Historical School of German Law and Pandectic
According to the ideas of the historical concept of law, the founders and main theorists of which were German lawyers of the 19th century G. Hugo and F.K. Savigny, law is the product of the gradual development of historical reality, everyday life, inextricably linked with man and society. Like other components of being — language, religion, morality, custom, economy, art, science, external organization, law unites individuals, in its structure, is the initial attribute of a person, and in its development, is a product of history. A special role in its formation is played by the “People’s Spirit” - he is a real creator, a source of law. Outside of the historical school, another common area of ​​19th-century German legal thought was pandecticism, a tradition of continuing the centuries-old connection with Roman law - the digest (pandects) of Justinian, as well as their many interpretations. The result of some competition and the unification of the ideas of historical conception and pandectics was the adoption of the German Civil Code of 1896, which became the classic, model civil code for continental legal systems, including Soviet and Russian.

Legal realism
At the beginning of the 20th century, legal realism was formed as a separate concept. “The life of the law is not logic, but experience” - in such words from the book of an American lawyer and judge O.U. Holmes is characterized by his approaches. In every possible way removing from the law any manifestations of “romanticism,” realism has become the leading doctrine and philosophy of the United States in the first half of the 20th century, and has had a significant impact to this day. The right in this approach is the result of real life - “living law”, in contrast to “book”, “dead”, is real - the task of the legislator is to correctly perceive it and put it into law. Realism is opposed to the natural approach, as it denies, as such, the connection with moral values, and positive law, as artificially invented by theorists.
Other concepts
Among other modern concepts of law, the psychological concept of the Polish lawyer L. I. Petrazhitsky, as well as the libertarian theory of law of the Russian scientist V. S. Nersesyants are of interest. In his theory, L. I. Petrazhitsky shared “official” law and “intuitive”, determined by the psychological attitude of a person. In a sense, intuitive law is more universal and adaptive, while official law often lags behind changes in society.

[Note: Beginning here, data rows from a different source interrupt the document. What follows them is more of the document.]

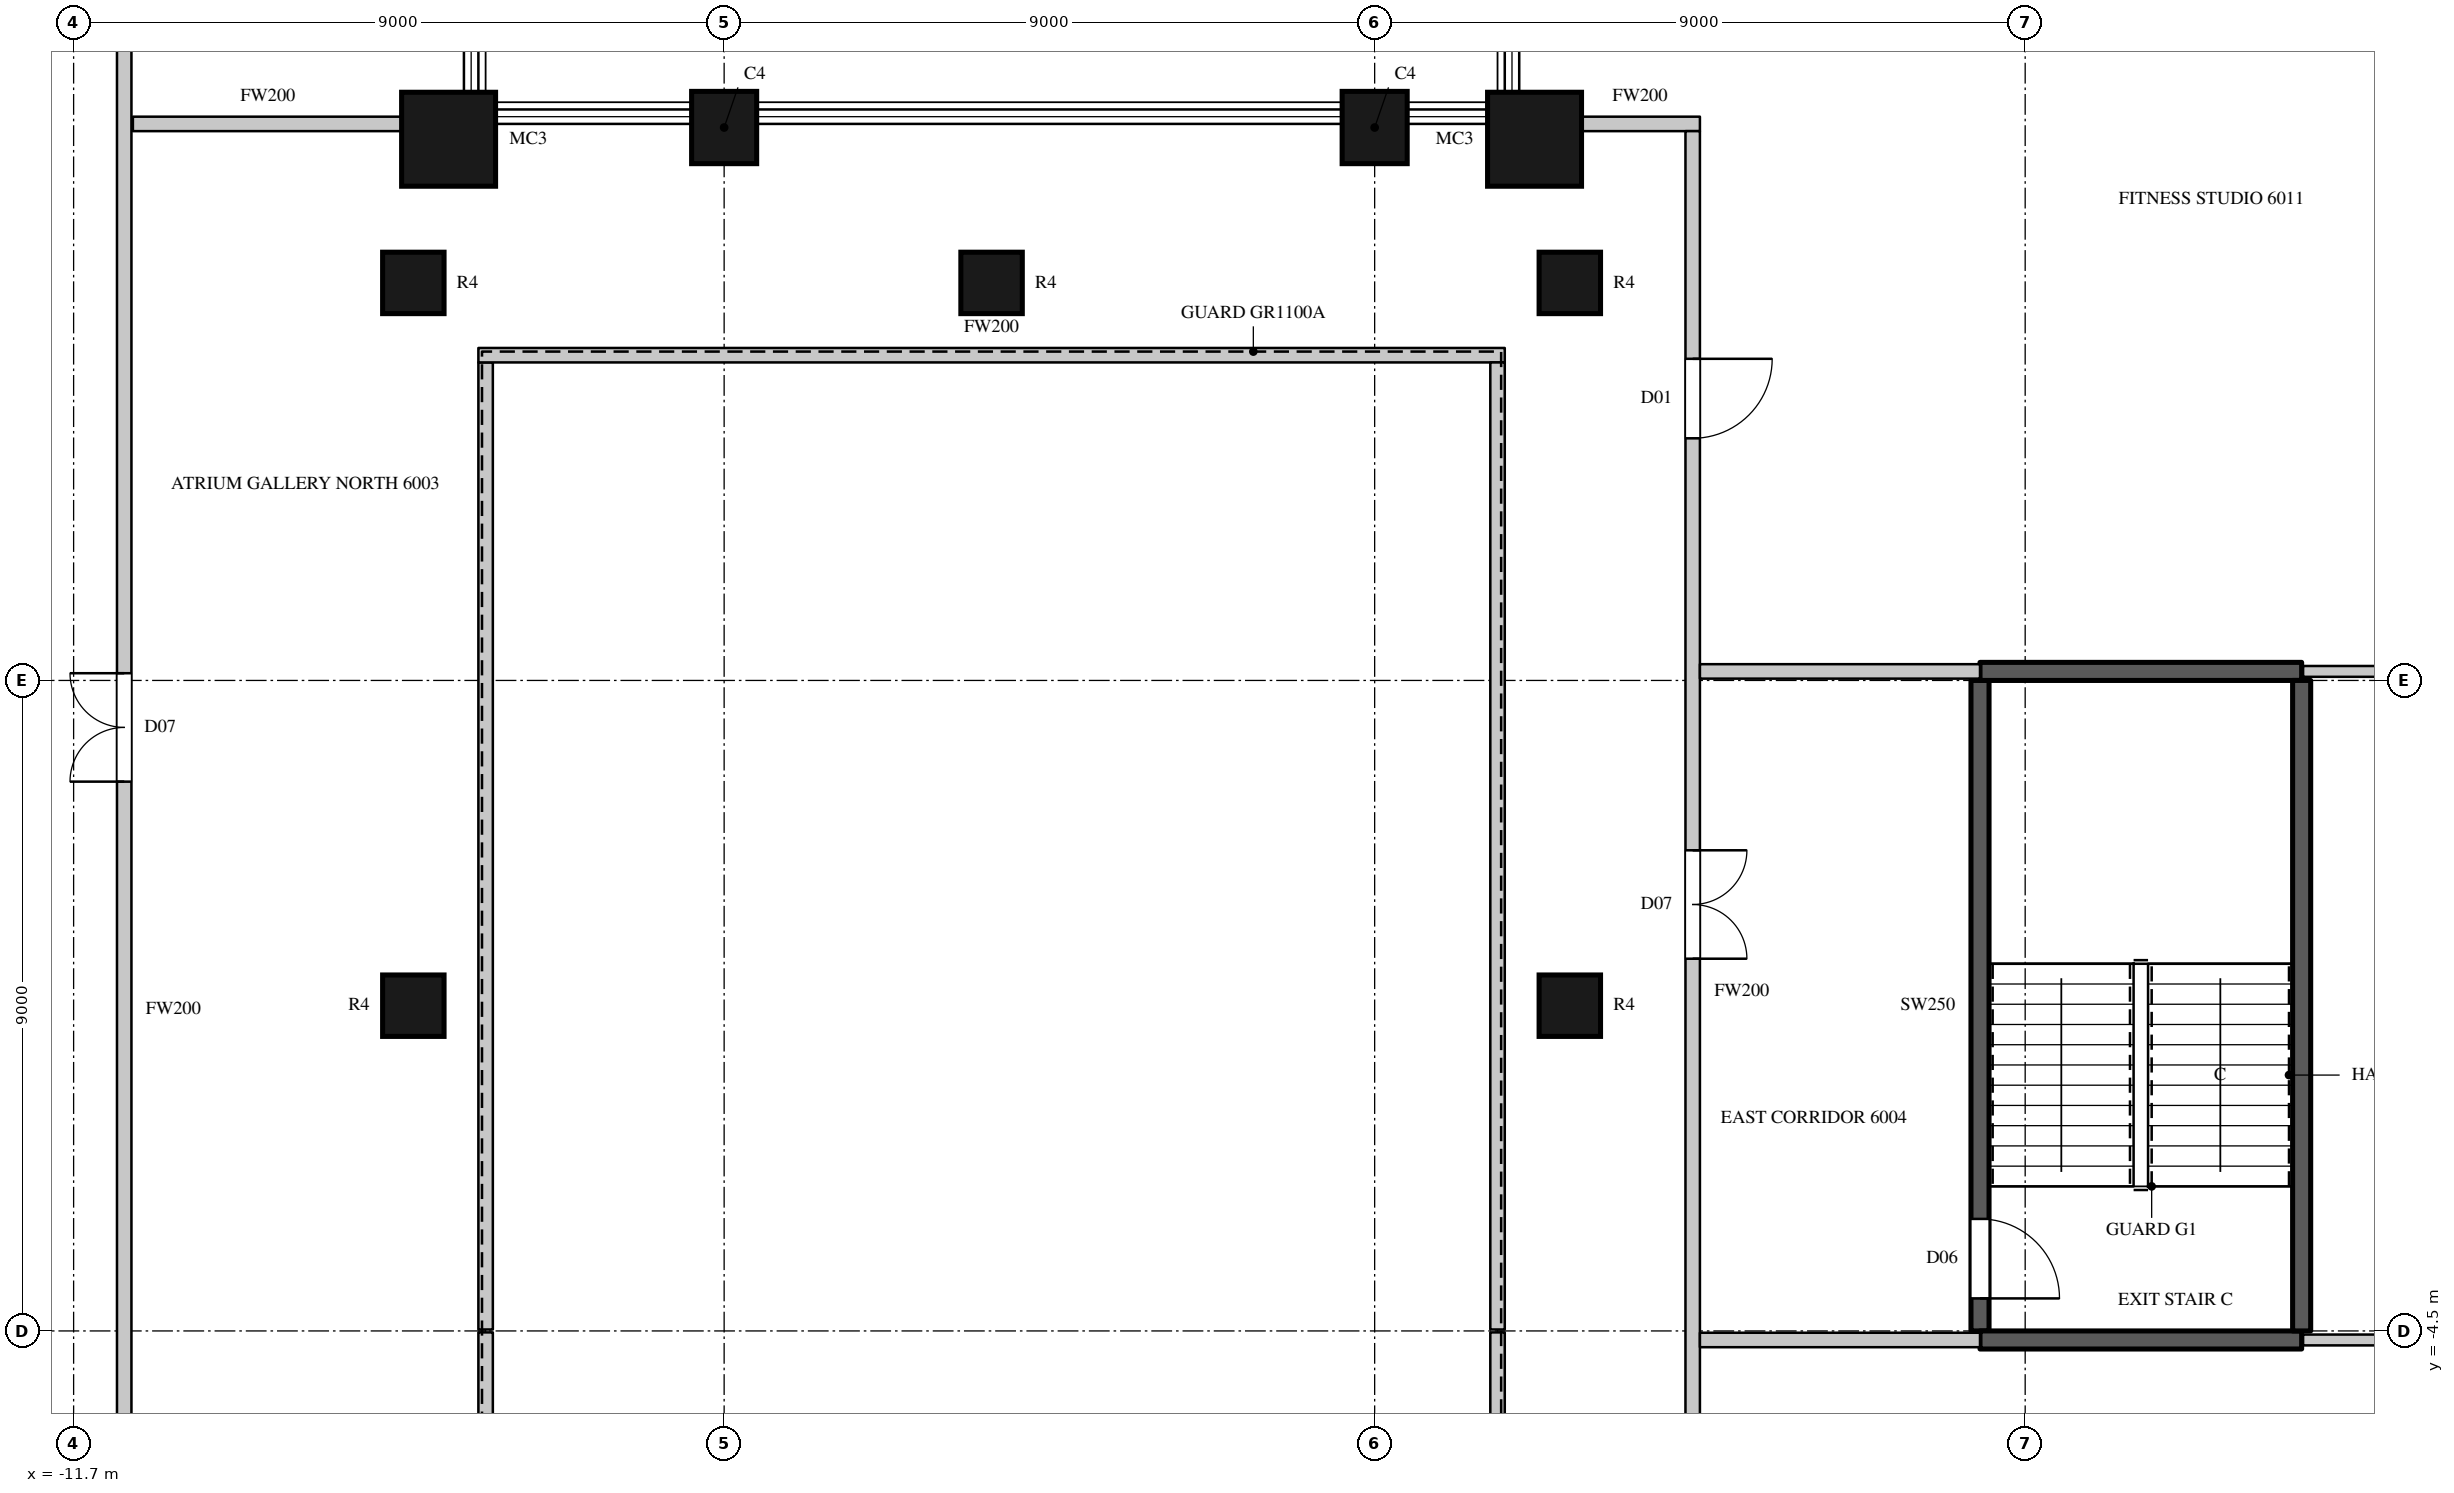
"""IFC4 building model, lengths in metres.
Left out: names, types, materials, properties, quantities, classifications, styles, units other than length and angle.
Written with IfcOpenShell. Run it as: python <this file> out.ifc"""

import sys

from ifc_helpers import new_model, si_unit, direction, frame, frame_2d, origin, origin_2d, place, context, subcontext, project, spatial, rectangle, circle, extrude, element, fill, save


model = new_model("IFC4")
c1 = context("Model", 3, precision=1e-05, world=origin(), true_north=direction((0.0, 1.0)))
c2 = subcontext(c1, "Body", "Model", "MODEL_VIEW")
j1 = project(units=[si_unit("LENGTHUNIT", "METRE"), si_unit("PLANEANGLEUNIT", "RADIAN")], contexts=[c1])
p1 = place(None, origin())
s1 = spatial("IfcSite", under=j1, at=p1, CompositionType="ELEMENT")
p2 = place(p1, origin())
s2 = spatial("IfcBuilding", under=s1, at=p2, CompositionType="ELEMENT")
p3 = place(p2, frame((0.0, 0.0, 268.0)))
s3 = spatial("IfcBuildingStorey", under=s2, at=p3, CompositionType="ELEMENT", Elevation=268.0)
p4 = place(p3, frame((8.512, 11.988, 0.0), z_axis=(0.0, 0.0, 1.0), x_axis=(1.0, 0.0, 0.0)))
e1 = element("IfcColumn", 1, at=p4, inside=s3, PredefinedType="COLUMN", context=c2, shape_type="SweptSolid", body=[
    extrude(circle(Radius=0.65, at=origin_2d()), origin(), (0.0, 0.0, 1.0), 4.1),
])
for number, where, z_axis, x_axis in (
    (2, (6.3, 12.15, 0.0), (0.0, 0.0, 1.0), (-1.0, 0.0, 0.0)),
    (3, (-2.7, 12.15, 0.0), (0.0, 0.0, 1.0), (-1.0, 0.0, 0.0)),
):
    element("IfcColumn", number, at=place(p3, frame(where, z_axis=z_axis, x_axis=x_axis)), inside=s3, PredefinedType="COLUMN", context=c2, shape_type="SweptSolid", body=[
        extrude(rectangle(XDim=0.9, YDim=1.0, at=origin_2d()), origin(), (0.0, 0.0, 1.0), 4.1),
    ])
p5 = place(p3, frame((-6.512, 11.988, 0.0), z_axis=(0.0, 0.0, 1.0), x_axis=(1.0, 0.0, 0.0)))
e4 = element("IfcColumn", 4, at=p5, inside=s3, PredefinedType="COLUMN", context=c2, shape_type="SweptSolid", body=[
    extrude(circle(Radius=0.65, at=origin_2d()), origin(), (0.0, 0.0, 1.0), 4.1),
])
for number, where, z_axis, x_axis in (
    (5, (-7.0, 0.0, 0.0), (0.0, 0.0, 1.0), (1.0, 0.0, 0.0)),
    (6, (-7.0, 10.0, 0.0), (0.0, 0.0, 1.0), (1.0, 0.0, 0.0)),
    (7, (1.0, 10.0, 0.0), (0.0, 0.0, 1.0), (1.0, 0.0, 0.0)),
    (8, (9.0, 0.0, 0.0), (0.0, 0.0, 1.0), (1.0, 0.0, 0.0)),
    (9, (9.0, 10.0, 0.0), (0.0, 0.0, 1.0), (1.0, 0.0, 0.0)),
):
    element("IfcColumn", number, at=place(p3, frame(where, z_axis=z_axis, x_axis=x_axis)), inside=s3, PredefinedType="COLUMN", context=c2, shape_type="SweptSolid", body=[
        extrude(circle(Radius=0.425, at=origin_2d()), origin(), (0.0, 0.0, 1.0), 4.1),
    ])
p6 = place(p3, frame((-11.0, -14.8, 0.0), z_axis=(0.0, 0.0, 1.0), x_axis=(0.0, 1.0, 0.0)))
e10 = element("IfcWall", 10, at=p6, inside=s3, PredefinedType="PARTITIONING", context=c2, shape_type="SweptSolid", body=[
    extrude(rectangle(XDim=29.5, YDim=0.2, at=frame_2d((14.75, 0.0))), origin(), (0.0, 0.0, 1.0), 3.8),
])
p7 = place(p6, frame((17.9, 0.0, 0.0)))
e11 = element("IfcOpeningElement", 11, at=p7, cuts=e10, PredefinedType="OPENING", context=c2, shape_type="SweptSolid", body=[
    extrude(rectangle(XDim=1.5, YDim=2.4, at=frame_2d((0.75, 1.2))), frame((0.0, 0.11, 0.0), z_axis=(0.0, -1.0, 0.0), x_axis=(1.0, 0.0, 0.0)), (0.0, 0.0, 1.0), 0.22),
])
p8 = place(p3, frame((-10.88, 12.2, 0.0), z_axis=(0.0, 0.0, 1.0), x_axis=(1.0, 0.0, 0.0)))
e12 = element("IfcWall", 12, at=p8, inside=s3, PredefinedType="PARTITIONING", context=c2, shape_type="SweptSolid", body=[
    extrude(rectangle(XDim=3.736, YDim=0.2, at=frame_2d((1.868, 0.0))), origin(), (0.0, 0.0, 1.0), 3.8),
])
p9 = place(p3, frame((-6.0, -8.9, 0.0), z_axis=(0.0, 0.0, 1.0), x_axis=(0.0, 1.0, 0.0)))
e13 = element("IfcWall", 13, at=p9, inside=s3, PredefinedType="PARTITIONING", context=c2, shape_type="SweptSolid", body=[
    extrude(rectangle(XDim=4.38, YDim=0.2, at=frame_2d((2.19, 0.0))), origin(), (0.0, 0.0, 1.0), 3.8),
])
p10 = place(p3, frame((-6.0, -4.48, 0.0), z_axis=(0.0, 0.0, 1.0), x_axis=(0.0, 1.0, 0.0)))
e14 = element("IfcWall", 14, at=p10, inside=s3, PredefinedType="PARTITIONING", context=c2, shape_type="SweptSolid", body=[
    extrude(rectangle(XDim=13.38, YDim=0.2, at=frame_2d((6.69, 0.0))), origin(), (0.0, 0.0, 1.0), 3.8),
])
p11 = place(p3, frame((-6.1, 9.0, 0.0), z_axis=(0.0, 0.0, 1.0), x_axis=(1.0, 0.0, 0.0)))
e15 = element("IfcWall", 15, at=p11, inside=s3, PredefinedType="PARTITIONING", context=c2, shape_type="SweptSolid", body=[
    extrude(rectangle(XDim=14.2, YDim=0.2, at=frame_2d((7.1, 0.0))), origin(), (0.0, 0.0, 1.0), 3.8),
])
p12 = place(p3, frame((8.0, -8.9, 0.0), z_axis=(0.0, 0.0, 1.0), x_axis=(0.0, 1.0, 0.0)))
e16 = element("IfcWall", 16, at=p12, inside=s3, PredefinedType="PARTITIONING", context=c2, shape_type="SweptSolid", body=[
    extrude(rectangle(XDim=4.38, YDim=0.2, at=frame_2d((2.19, 0.0))), origin(), (0.0, 0.0, 1.0), 3.8),
])
p13 = place(p3, frame((8.0, -4.48, 0.0), z_axis=(0.0, 0.0, 1.0), x_axis=(0.0, 1.0, 0.0)))
e17 = element("IfcWall", 17, at=p13, inside=s3, PredefinedType="PARTITIONING", context=c2, shape_type="SweptSolid", body=[
    extrude(rectangle(XDim=13.38, YDim=0.2, at=frame_2d((6.69, 0.0))), origin(), (0.0, 0.0, 1.0), 3.8),
])
p14 = place(p3, frame((9.144, 12.2, 0.0), z_axis=(0.0, 0.0, 1.0), x_axis=(1.0, 0.0, 0.0)))
e18 = element("IfcWall", 18, at=p14, inside=s3, PredefinedType="PARTITIONING", context=c2, shape_type="SweptSolid", body=[
    extrude(rectangle(XDim=1.656, YDim=0.2, at=frame_2d((0.828, 0.0))), origin(), (0.0, 0.0, 1.0), 3.8),
])
p15 = place(p3, frame((10.7, -11.7, 0.0), z_axis=(0.0, 0.0, 1.0), x_axis=(0.0, 1.0, 0.0)))
e19 = element("IfcWall", 19, at=p15, inside=s3, PredefinedType="PARTITIONING", context=c2, shape_type="SweptSolid", body=[
    extrude(rectangle(XDim=23.8, YDim=0.2, at=frame_2d((11.9, 0.0))), origin(), (0.0, 0.0, 1.0), 3.8),
])
p16 = place(p15, frame((12.35, 0.0, 0.0)))
e20 = element("IfcOpeningElement", 20, at=p16, cuts=e19, PredefinedType="OPENING", context=c2, shape_type="SweptSolid", body=[
    extrude(rectangle(XDim=1.5, YDim=2.4, at=frame_2d((0.75, 1.2))), frame((0.0, 0.11, 0.0), z_axis=(0.0, -1.0, 0.0), x_axis=(1.0, 0.0, 0.0)), (0.0, 0.0, 1.0), 0.22),
])
p17 = place(p15, frame((19.55, 0.0, 0.0)))
e21 = element("IfcOpeningElement", 21, at=p17, cuts=e19, PredefinedType="OPENING", context=c2, shape_type="SweptSolid", body=[
    extrude(rectangle(XDim=1.1, YDim=2.4, at=frame_2d((0.55, 1.2))), frame((0.0, 0.11, 0.0), z_axis=(0.0, -1.0, 0.0), x_axis=(1.0, 0.0, 0.0)), (0.0, 0.0, 1.0), 0.22),
])
p18 = place(p15, frame((4.25, 0.0, 0.0)))
e22 = element("IfcOpeningElement", 22, at=p18, cuts=e19, PredefinedType="OPENING", context=c2, shape_type="SweptSolid", body=[
    extrude(rectangle(XDim=1.1, YDim=2.4, at=frame_2d((0.55, 1.2))), frame((0.0, 0.11, 0.0), z_axis=(0.0, -1.0, 0.0), x_axis=(1.0, 0.0, 0.0)), (0.0, 0.0, 1.0), 0.22),
])
for number, where, z_axis, x_axis in (
    (23, (10.8, -4.625, 0.0), (0.0, 0.0, 1.0), (1.0, 0.0, 0.0)),
    (24, (10.8, 4.625, 0.0), (0.0, 0.0, 1.0), (1.0, 0.0, 0.0)),
):
    element("IfcWall", number, at=place(p3, frame(where, z_axis=z_axis, x_axis=x_axis)), inside=s3, PredefinedType="PARTITIONING", context=c2, shape_type="SweptSolid", body=[
        extrude(rectangle(XDim=3.875, YDim=0.2, at=frame_2d((1.938, 0.0))), origin(), (0.0, 0.0, 1.0), 3.8),
    ])
for number, where, z_axis, x_axis in (
    (25, (19.145, -4.625, 0.0), (0.0, 0.0, 1.0), (1.0, 0.0, 0.0)),
    (26, (19.145, 4.625, 0.0), (0.0, 0.0, 1.0), (1.0, 0.0, 0.0)),
):
    element("IfcWall", number, at=place(p3, frame(where, z_axis=z_axis, x_axis=x_axis)), inside=s3, PredefinedType="PARTITIONING", context=c2, shape_type="SweptSolid", body=[
        extrude(rectangle(XDim=4.605, YDim=0.15, at=frame_2d((2.302, 0.0))), origin(), (0.0, 0.0, 1.0), 3.8),
    ])
p19 = place(p3, frame((14.675, -4.5, 0.0), z_axis=(0.0, 0.0, 1.0), x_axis=(0.0, 1.0, 0.0)))
e27 = element("IfcWall", 27, at=p19, inside=s3, PredefinedType="SHEAR", context=c2, shape_type="SweptSolid", body=[
    extrude(rectangle(XDim=9.0, YDim=0.25, at=frame_2d((4.5, 0.0))), origin(), (0.0, 0.0, 1.0), 3.8),
])
p20 = place(p19, frame((0.45, 0.0, 0.0)))
e28 = element("IfcOpeningElement", 28, at=p20, cuts=e27, PredefinedType="OPENING", context=c2, shape_type="SweptSolid", body=[
    extrude(rectangle(XDim=1.1, YDim=2.2, at=frame_2d((0.55, 1.1))), frame((0.0, 0.135, 0.0), z_axis=(0.0, -1.0, 0.0), x_axis=(1.0, 0.0, 0.0)), (0.0, 0.0, 1.0), 0.27),
])
for number, where, z_axis, x_axis in (
    (29, (14.675, -4.625, 0.0), (0.0, 0.0, 1.0), (1.0, 0.0, 0.0)),
    (30, (14.675, 4.625, 0.0), (0.0, 0.0, 1.0), (1.0, 0.0, 0.0)),
):
    element("IfcWall", number, at=place(p3, frame(where, z_axis=z_axis, x_axis=x_axis)), inside=s3, PredefinedType="SHEAR", context=c2, shape_type="SweptSolid", body=[
        extrude(rectangle(XDim=4.45, YDim=0.25, at=frame_2d((2.225, 0.0))), origin(), (0.0, 0.0, 1.0), 3.8),
    ])
p21 = place(p3, frame((19.125, -4.5, 0.0), z_axis=(0.0, 0.0, 1.0), x_axis=(0.0, 1.0, 0.0)))
e31 = element("IfcWall", 31, at=p21, inside=s3, PredefinedType="SHEAR", context=c2, shape_type="SweptSolid", body=[
    extrude(rectangle(XDim=9.0, YDim=0.25, at=frame_2d((4.5, 0.0))), origin(), (0.0, 0.0, 1.0), 3.8),
])
p22 = place(p7, origin())
e32 = element("IfcDoor", 32, at=p22, inside=s3, OperationType="DOUBLE_DOOR_SINGLE_SWING", PredefinedType="DOOR", context=c2, shape_type="SweptSolid", body=[
    extrude(rectangle(XDim=1.5, YDim=2.4, at=frame_2d((0.75, 1.2))), frame((0.0, 0.025, 0.0), z_axis=(0.0, -1.0, 0.0), x_axis=(1.0, 0.0, 0.0)), (0.0, 0.0, 1.0), 0.05),
])
fill(e11, e32)
p23 = place(p16, origin())
e33 = element("IfcDoor", 33, at=p23, inside=s3, OperationType="DOUBLE_DOOR_SINGLE_SWING", PredefinedType="DOOR", context=c2, shape_type="SweptSolid", body=[
    extrude(rectangle(XDim=1.5, YDim=2.4, at=frame_2d((0.75, 1.2))), frame((0.0, 0.025, 0.0), z_axis=(0.0, -1.0, 0.0), x_axis=(1.0, 0.0, 0.0)), (0.0, 0.0, 1.0), 0.05),
])
fill(e20, e33)
p24 = place(p17, origin())
e34 = element("IfcDoor", 34, at=p24, inside=s3, OperationType="SINGLE_SWING_LEFT", PredefinedType="DOOR", context=c2, shape_type="SweptSolid", body=[
    extrude(rectangle(XDim=1.1, YDim=2.4, at=frame_2d((0.55, 1.2))), frame((0.0, 0.025, 0.0), z_axis=(0.0, -1.0, 0.0), x_axis=(1.0, 0.0, 0.0)), (0.0, 0.0, 1.0), 0.05),
])
fill(e21, e34)
p25 = place(p20, origin())
e35 = element("IfcDoor", 35, at=p25, inside=s3, OperationType="SINGLE_SWING_RIGHT", PredefinedType="DOOR", context=c2, shape_type="SweptSolid", body=[
    extrude(rectangle(XDim=1.1, YDim=2.2, at=frame_2d((0.55, 1.1))), frame((0.0, 0.025, 0.0), z_axis=(0.0, -1.0, 0.0), x_axis=(1.0, 0.0, 0.0)), (0.0, 0.0, 1.0), 0.05),
])
fill(e28, e35)
save(model, sys.argv[1])

Libertarian theory of law V.S. Nersesyantsa puts freedom at the forefront, evaluating it, moreover, not as “arbitrariness” and “self-will”, but through law, which has the meaning of an “measure of freedom” of the individual.
What is right?
Of course, there is a rational grain in every concept. The final answer to the question: "What is the right?" - is beyond the reach of logical inference, as is the answer to the philosophical question “what is truth”. Nevertheless, one can confidently assert that those concepts of rights and freedoms that are based on the acceptance of justice that protects the right from abuse and freedom from arbitrariness are closer to the truth.